Stan Jarzabek, National University of Singapore;

Stephen J. Mellor responds:

Mr. Jarzabek raises several interesting technical points that, summarized ruthlessly, boil down to just two: models are insufficiently precise ("overly abstract") to transform reliably into systems without a developer's interference, and models' multifaceted nature, in contrast to the block-structured nature of today's programming languages, introduces consistency and change-control issues. He's right.

He's also correct to identify "integrating partial specifications of problem semantics in different UML models (such as use cases, class diagrams, and so on)" as being the "big problem." This problem exists because UML is defined as a set of separate "models"—diagrams, really—that don't necessarily fit together to form a coherent, executable whole. In turn, this leads to "a tremendous amount of delocalized information and redundancies across models." I agree wholeheartedly.

But this sorry situation isn't inherent in MDD. You can address both problems by defining a single underlying ground truth against which all diagrams are merely views. A change in one diagram, such as adding a signal send to a state chart diagram, would then necessarily be reflected on the diagram that shows communication between state charts. Ground truth, a concept from game simulation that captures the notion of what's really going on irrespective of players' imperfect perceptions, is necessarily internally self-consistent, and it's one source for translation into systems. (The other source is a set of translation rules that are made explicit in MDD and can be controlled by the developer.)

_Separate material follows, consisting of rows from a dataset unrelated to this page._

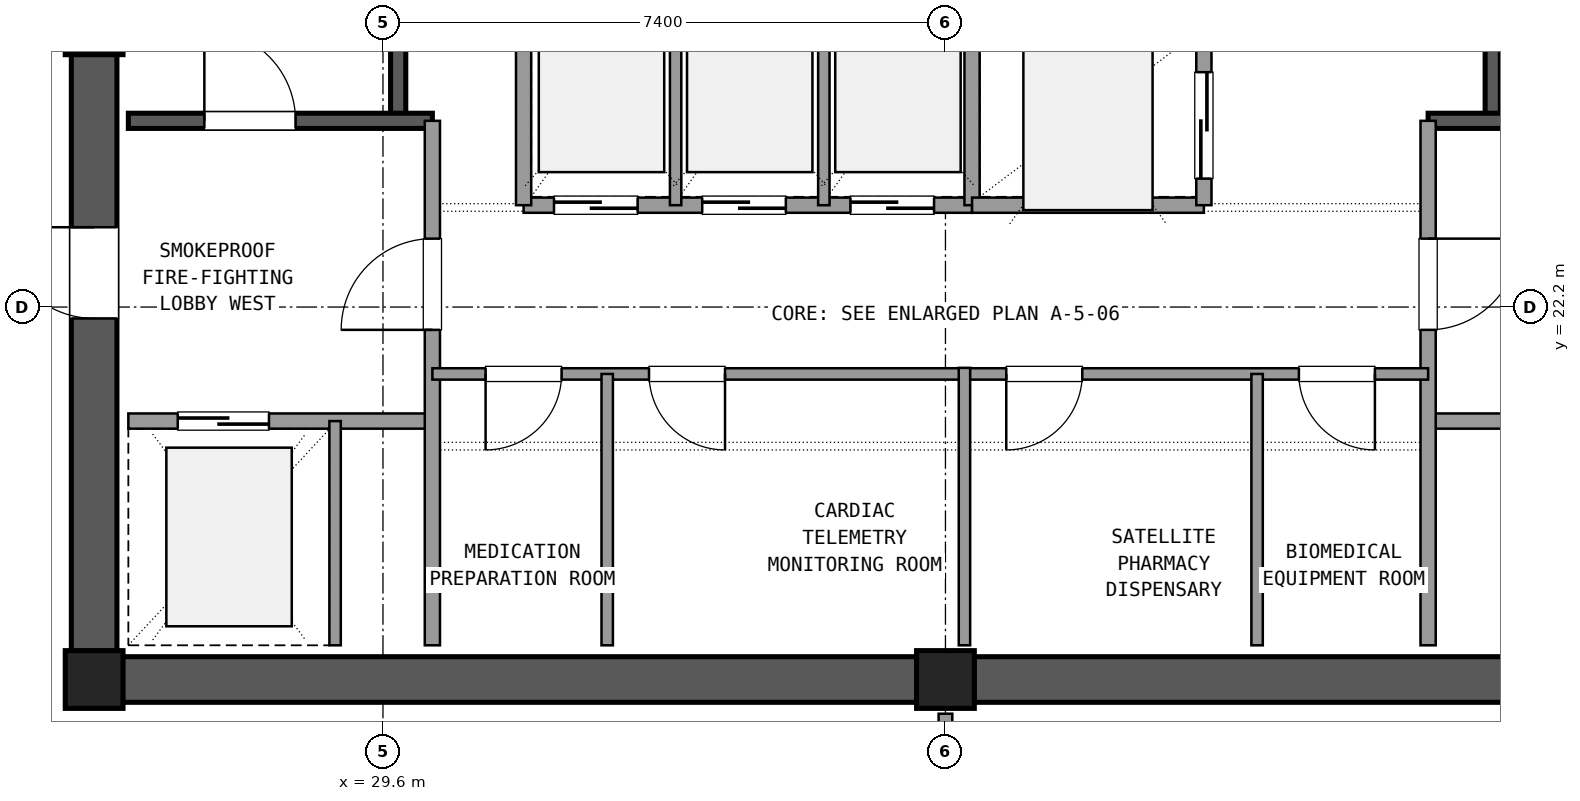
"""IFC4 building model, lengths in metres.
Left out: names, types, materials, properties, quantities, classifications, styles, units other than length and angle.
Written with IfcOpenShell. Run it as: python <this file> out.ifc"""

import sys

from ifc_helpers import new_model, si_unit, direction, frame, frame_2d, origin, origin_2d, place, context, subcontext, project, spatial, rectangle, extrude, element, fill, save


model = new_model("IFC4")
c1 = context("Model", 3, precision=1e-05, world=origin(), true_north=direction((0.0, 1.0)))
c2 = subcontext(c1, "Body", "Model", "MODEL_VIEW")
j1 = project(units=[si_unit("LENGTHUNIT", "METRE"), si_unit("PLANEANGLEUNIT", "RADIAN")], contexts=[c1])
p1 = place(None, origin())
s1 = spatial("IfcSite", under=j1, at=p1, CompositionType="ELEMENT")
p2 = place(p1, origin())
s2 = spatial("IfcBuilding", under=s1, at=p2, CompositionType="ELEMENT")
p3 = place(p2, frame((0.0, 0.0, 282.42)))
s3 = spatial("IfcBuildingStorey", under=s2, at=p3, CompositionType="ELEMENT", Elevation=282.42)
for number, where, z_axis, x_axis in (
    (1, (25.8, 17.3, 0.0), (0.0, 0.0, 1.0), (1.0, 0.0, 0.0)),
    (2, (37.0, 17.3, 0.0), (0.0, 0.0, 1.0), (1.0, 0.0, 0.0)),
    (3, (25.8, 25.9, 0.0), (0.0, 0.0, 1.0), (1.0, 0.0, 0.0)),
):
    element("IfcColumn", number, at=place(p3, frame(where, z_axis=z_axis, x_axis=x_axis)), inside=s3, PredefinedType="COLUMN", context=c2, shape_type="SweptSolid", body=[
        extrude(rectangle(XDim=0.76, YDim=0.76, at=origin_2d()), origin(), (0.0, 0.0, 1.0), 3.6),
    ])
for number, where, z_axis, x_axis in (
    (4, (26.175, 17.3, 0.0), (0.0, 0.0, 1.0), (1.0, 0.0, 0.0)),
    (5, (37.375, 17.3, 0.0), (0.0, 0.0, 1.0), (1.0, 0.0, 0.0)),
):
    element("IfcWall", number, at=place(p3, frame(where, z_axis=z_axis, x_axis=x_axis)), inside=s3, PredefinedType="SHEAR", context=c2, shape_type="SweptSolid", body=[
        extrude(rectangle(XDim=10.45, YDim=0.6, at=frame_2d((5.225, 0.0))), origin(), (0.0, 0.0, 1.0), 3.32),
    ])
p4 = place(p3, frame((25.8, 25.525, 0.0), z_axis=(0.0, 0.0, 1.0), x_axis=(0.0, -1.0, 0.0)))
e6 = element("IfcWall", 6, at=p4, inside=s3, PredefinedType="SHEAR", context=c2, shape_type="SweptSolid", body=[
    extrude(rectangle(XDim=7.85, YDim=0.6, at=frame_2d((3.925, 0.0))), origin(), (0.0, 0.0, 1.0), 3.32),
])
p5 = place(p4, frame((2.275, 0.0, 0.0)))
e7 = element("IfcOpeningElement", 7, at=p5, cuts=e6, PredefinedType="OPENING", context=c2, shape_type="SweptSolid", body=[
    extrude(rectangle(XDim=1.2, YDim=2.15, at=frame_2d((0.6, 1.075))), frame((0.0, 0.31, 0.0), z_axis=(0.0, -1.0, 0.0), x_axis=(1.0, 0.0, 0.0)), (0.0, 0.0, 1.0), 0.62),
])
p6 = place(p3, frame((29.8, 24.65, 0.0), z_axis=(0.0, 0.0, 1.0), x_axis=(0.0, 1.0, 0.0)))
e8 = element("IfcWall", 8, at=p6, inside=s3, PredefinedType="SHEAR", context=c2, shape_type="SweptSolid", body=[
    extrude(rectangle(XDim=9.4, YDim=0.2, at=frame_2d((4.7, 0.0))), origin(), (0.0, 0.0, 1.0), 3.32),
])
p7 = place(p3, frame((26.25, 24.65, 0.0), z_axis=(0.0, 0.0, 1.0), x_axis=(1.0, 0.0, 0.0)))
e9 = element("IfcWall", 9, at=p7, inside=s3, PredefinedType="SHEAR", context=c2, shape_type="SweptSolid", body=[
    extrude(rectangle(XDim=4.0, YDim=0.2, at=frame_2d((2.0, 0.0))), origin(), (0.0, 0.0, 1.0), 3.32),
])
p8 = place(p7, frame((1.0, 0.0, 0.0)))
e10 = element("IfcOpeningElement", 10, at=p8, cuts=e9, PredefinedType="OPENING", context=c2, shape_type="SweptSolid", body=[
    extrude(rectangle(XDim=1.2, YDim=2.15, at=frame_2d((0.6, 1.075))), frame((0.0, 0.11, 0.0), z_axis=(0.0, -1.0, 0.0), x_axis=(1.0, 0.0, 0.0)), (0.0, 0.0, 1.0), 0.22),
])
p9 = place(p3, frame((44.2, 24.65, 0.0), z_axis=(0.0, 0.0, 1.0), x_axis=(0.0, 1.0, 0.0)))
e11 = element("IfcWall", 11, at=p9, inside=s3, PredefinedType="SHEAR", context=c2, shape_type="SweptSolid", body=[
    extrude(rectangle(XDim=9.4, YDim=0.2, at=frame_2d((4.7, 0.0))), origin(), (0.0, 0.0, 1.0), 3.32),
])
p10 = place(p3, frame((43.35, 24.65, 0.0), z_axis=(0.0, 0.0, 1.0), x_axis=(1.0, 0.0, 0.0)))
e12 = element("IfcWall", 12, at=p10, inside=s3, PredefinedType="SHEAR", context=c2, shape_type="SweptSolid", body=[
    extrude(rectangle(XDim=4.4, YDim=0.2, at=frame_2d((2.2, 0.0))), origin(), (0.0, 0.0, 1.0), 3.32),
])
p11 = place(p10, frame((2.0, 0.0, 0.0)))
e13 = element("IfcOpeningElement", 13, at=p11, cuts=e12, PredefinedType="OPENING", context=c2, shape_type="SweptSolid", body=[
    extrude(rectangle(XDim=1.2, YDim=2.15, at=frame_2d((0.6, 1.075))), frame((0.0, 0.11, 0.0), z_axis=(0.0, -1.0, 0.0), x_axis=(1.0, 0.0, 0.0)), (0.0, 0.0, 1.0), 0.22),
])
p12 = place(p3, frame((26.25, 20.7, 0.0), z_axis=(0.0, 0.0, 1.0), x_axis=(1.0, 0.0, 0.0)))
e14 = element("IfcWall", 14, at=p12, inside=s3, PredefinedType="SOLIDWALL", context=c2, shape_type="SweptSolid", body=[
    extrude(rectangle(XDim=4.0, YDim=0.2, at=frame_2d((2.0, 0.0))), origin(), (0.0, 0.0, 1.0), 2.24),
])
p13 = place(p12, frame((0.65, 0.0, 0.0)))
e15 = element("IfcOpeningElement", 15, at=p13, cuts=e14, PredefinedType="OPENING", context=c2, shape_type="SweptSolid", body=[
    extrude(rectangle(XDim=1.2, YDim=2.15, at=frame_2d((0.6, 1.075))), frame((0.0, 0.11, 0.0), z_axis=(0.0, -1.0, 0.0), x_axis=(1.0, 0.0, 0.0)), (0.0, 0.0, 1.0), 0.22),
])
p14 = place(p3, frame((30.25, 17.75, 0.0), z_axis=(0.0, 0.0, 1.0), x_axis=(0.0, 1.0, 0.0)))
e16 = element("IfcWall", 16, at=p14, inside=s3, PredefinedType="SOLIDWALL", context=c2, shape_type="SweptSolid", body=[
    extrude(rectangle(XDim=6.9, YDim=0.2, at=frame_2d((3.45, 0.0))), origin(), (0.0, 0.0, 1.0), 2.24),
])
p15 = place(p14, frame((4.15, 0.0, 0.0)))
e17 = element("IfcOpeningElement", 17, at=p15, cuts=e16, PredefinedType="OPENING", context=c2, shape_type="SweptSolid", body=[
    extrude(rectangle(XDim=1.2, YDim=2.15, at=frame_2d((0.6, 1.075))), frame((0.0, 0.11, 0.0), z_axis=(0.0, -1.0, 0.0), x_axis=(1.0, 0.0, 0.0)), (0.0, 0.0, 1.0), 0.22),
])
p16 = place(p3, frame((28.97, 17.75, 0.0), z_axis=(0.0, 0.0, 1.0), x_axis=(0.0, 1.0, 0.0)))
e18 = element("IfcWall", 18, at=p16, inside=s3, PredefinedType="PARTITIONING", context=c2, shape_type="SweptSolid", body=[
    extrude(rectangle(XDim=2.95, YDim=0.15, at=frame_2d((1.475, 0.0))), origin(), (0.0, 0.0, 1.0), 2.24),
])
p17 = place(p3, frame((43.35, 20.7, 0.0), z_axis=(0.0, 0.0, 1.0), x_axis=(1.0, 0.0, 0.0)))
e19 = element("IfcWall", 19, at=p17, inside=s3, PredefinedType="SOLIDWALL", context=c2, shape_type="SweptSolid", body=[
    extrude(rectangle(XDim=4.4, YDim=0.2, at=frame_2d((2.2, 0.0))), origin(), (0.0, 0.0, 1.0), 2.24),
])
p18 = place(p17, frame((2.35, 0.0, 0.0)))
e20 = element("IfcOpeningElement", 20, at=p18, cuts=e19, PredefinedType="OPENING", context=c2, shape_type="SweptSolid", body=[
    extrude(rectangle(XDim=1.2, YDim=2.15, at=frame_2d((0.6, 1.075))), frame((0.0, 0.11, 0.0), z_axis=(0.0, -1.0, 0.0), x_axis=(1.0, 0.0, 0.0)), (0.0, 0.0, 1.0), 0.22),
])
p19 = place(p3, frame((43.35, 17.75, 0.0), z_axis=(0.0, 0.0, 1.0), x_axis=(0.0, 1.0, 0.0)))
e21 = element("IfcWall", 21, at=p19, inside=s3, PredefinedType="SOLIDWALL", context=c2, shape_type="SweptSolid", body=[
    extrude(rectangle(XDim=6.9, YDim=0.2, at=frame_2d((3.45, 0.0))), origin(), (0.0, 0.0, 1.0), 2.24),
])
p20 = place(p19, frame((4.15, 0.0, 0.0)))
e22 = element("IfcOpeningElement", 22, at=p20, cuts=e21, PredefinedType="OPENING", context=c2, shape_type="SweptSolid", body=[
    extrude(rectangle(XDim=1.2, YDim=2.15, at=frame_2d((0.6, 1.075))), frame((0.0, 0.11, 0.0), z_axis=(0.0, -1.0, 0.0), x_axis=(1.0, 0.0, 0.0)), (0.0, 0.0, 1.0), 0.22),
])
p21 = place(p3, frame((30.25, 21.32, 0.0), z_axis=(0.0, 0.0, 1.0), x_axis=(1.0, 0.0, 0.0)))
e23 = element("IfcWall", 23, at=p21, inside=s3, PredefinedType="PARTITIONING", context=c2, shape_type="SweptSolid", body=[
    extrude(rectangle(XDim=7.0, YDim=0.15, at=frame_2d((3.5, 0.0))), origin(), (0.0, 0.0, 1.0), 2.24),
])
p22 = place(p21, frame((0.7, 0.0, 0.0)))
e24 = element("IfcOpeningElement", 24, at=p22, cuts=e23, PredefinedType="OPENING", context=c2, shape_type="SweptSolid", body=[
    extrude(rectangle(XDim=1.0, YDim=2.15, at=frame_2d((0.5, 1.075))), frame((0.0, 0.085, 0.0), z_axis=(0.0, -1.0, 0.0), x_axis=(1.0, 0.0, 0.0)), (0.0, 0.0, 1.0), 0.17),
])
p23 = place(p21, frame((2.85, 0.0, 0.0)))
e25 = element("IfcOpeningElement", 25, at=p23, cuts=e23, PredefinedType="OPENING", context=c2, shape_type="SweptSolid", body=[
    extrude(rectangle(XDim=1.0, YDim=2.15, at=frame_2d((0.5, 1.075))), frame((0.0, 0.085, 0.0), z_axis=(0.0, -1.0, 0.0), x_axis=(1.0, 0.0, 0.0)), (0.0, 0.0, 1.0), 0.17),
])
p24 = place(p3, frame((32.55, 17.75, 0.0), z_axis=(0.0, 0.0, 1.0), x_axis=(0.0, 1.0, 0.0)))
e26 = element("IfcWall", 26, at=p24, inside=s3, PredefinedType="PARTITIONING", context=c2, shape_type="SweptSolid", body=[
    extrude(rectangle(XDim=3.57, YDim=0.15, at=frame_2d((1.785, 0.0))), origin(), (0.0, 0.0, 1.0), 2.24),
])
p25 = place(p3, frame((37.25, 21.32, 0.0), z_axis=(0.0, 0.0, 1.0), x_axis=(1.0, 0.0, 0.0)))
e27 = element("IfcWall", 27, at=p25, inside=s3, PredefinedType="PARTITIONING", context=c2, shape_type="SweptSolid", body=[
    extrude(rectangle(XDim=6.1, YDim=0.15, at=frame_2d((3.05, 0.0))), origin(), (0.0, 0.0, 1.0), 2.24),
])
p26 = place(p25, frame((0.55, 0.0, 0.0)))
e28 = element("IfcOpeningElement", 28, at=p26, cuts=e27, PredefinedType="OPENING", context=c2, shape_type="SweptSolid", body=[
    extrude(rectangle(XDim=1.0, YDim=2.15, at=frame_2d((0.5, 1.075))), frame((0.0, 0.085, 0.0), z_axis=(0.0, -1.0, 0.0), x_axis=(1.0, 0.0, 0.0)), (0.0, 0.0, 1.0), 0.17),
])
p27 = place(p25, frame((4.4, 0.0, 0.0)))
e29 = element("IfcOpeningElement", 29, at=p27, cuts=e27, PredefinedType="OPENING", context=c2, shape_type="SweptSolid", body=[
    extrude(rectangle(XDim=1.0, YDim=2.15, at=frame_2d((0.5, 1.075))), frame((0.0, 0.085, 0.0), z_axis=(0.0, -1.0, 0.0), x_axis=(1.0, 0.0, 0.0)), (0.0, 0.0, 1.0), 0.17),
])
p28 = place(p3, frame((41.1, 17.75, 0.0), z_axis=(0.0, 0.0, 1.0), x_axis=(0.0, 1.0, 0.0)))
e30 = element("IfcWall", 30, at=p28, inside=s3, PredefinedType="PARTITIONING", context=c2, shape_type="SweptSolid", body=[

The executable-modeling community recognizes these flaws, and efforts are underway to define a standard, simplified, interchangeable ground truth that captures the executable essence of a single subject matter that can be woven together with others. This executable metamodel forms the basis of a tool chain of model compilers, checkers, and analyzers of various kinds. Each tool in the chain deals with ground truth, a tractable subset of UML semantics. Developers interact with subsets of the concrete syntax of UML for different users and methods and—more importantly—with domain-specific languages tailored to a user's domain.

In Mr. Jarzabek's last paragraph, he says there's a "wealth of experiences from automatic-programming research of the 1970-80s and CASE tools of the late 1980s" but doesn't enumerate any of them. At the same time, he says "[i]t's time for software engineers to take a mature, evidence-based approach to supposedly new ideas," another idea to which I can only roar assent.

There are tools today that define an executable profile and use it, in industrial settings, to accrue the benefits he claims are hyperbole. Why, then, do other authors in this IEEE Software issue call these working systems a "cocktail-party myth"? I can't tell you; I can only point to the benefits, the decreasing costs derived from a standard tool chain, and working systems. Today. And that's no hype.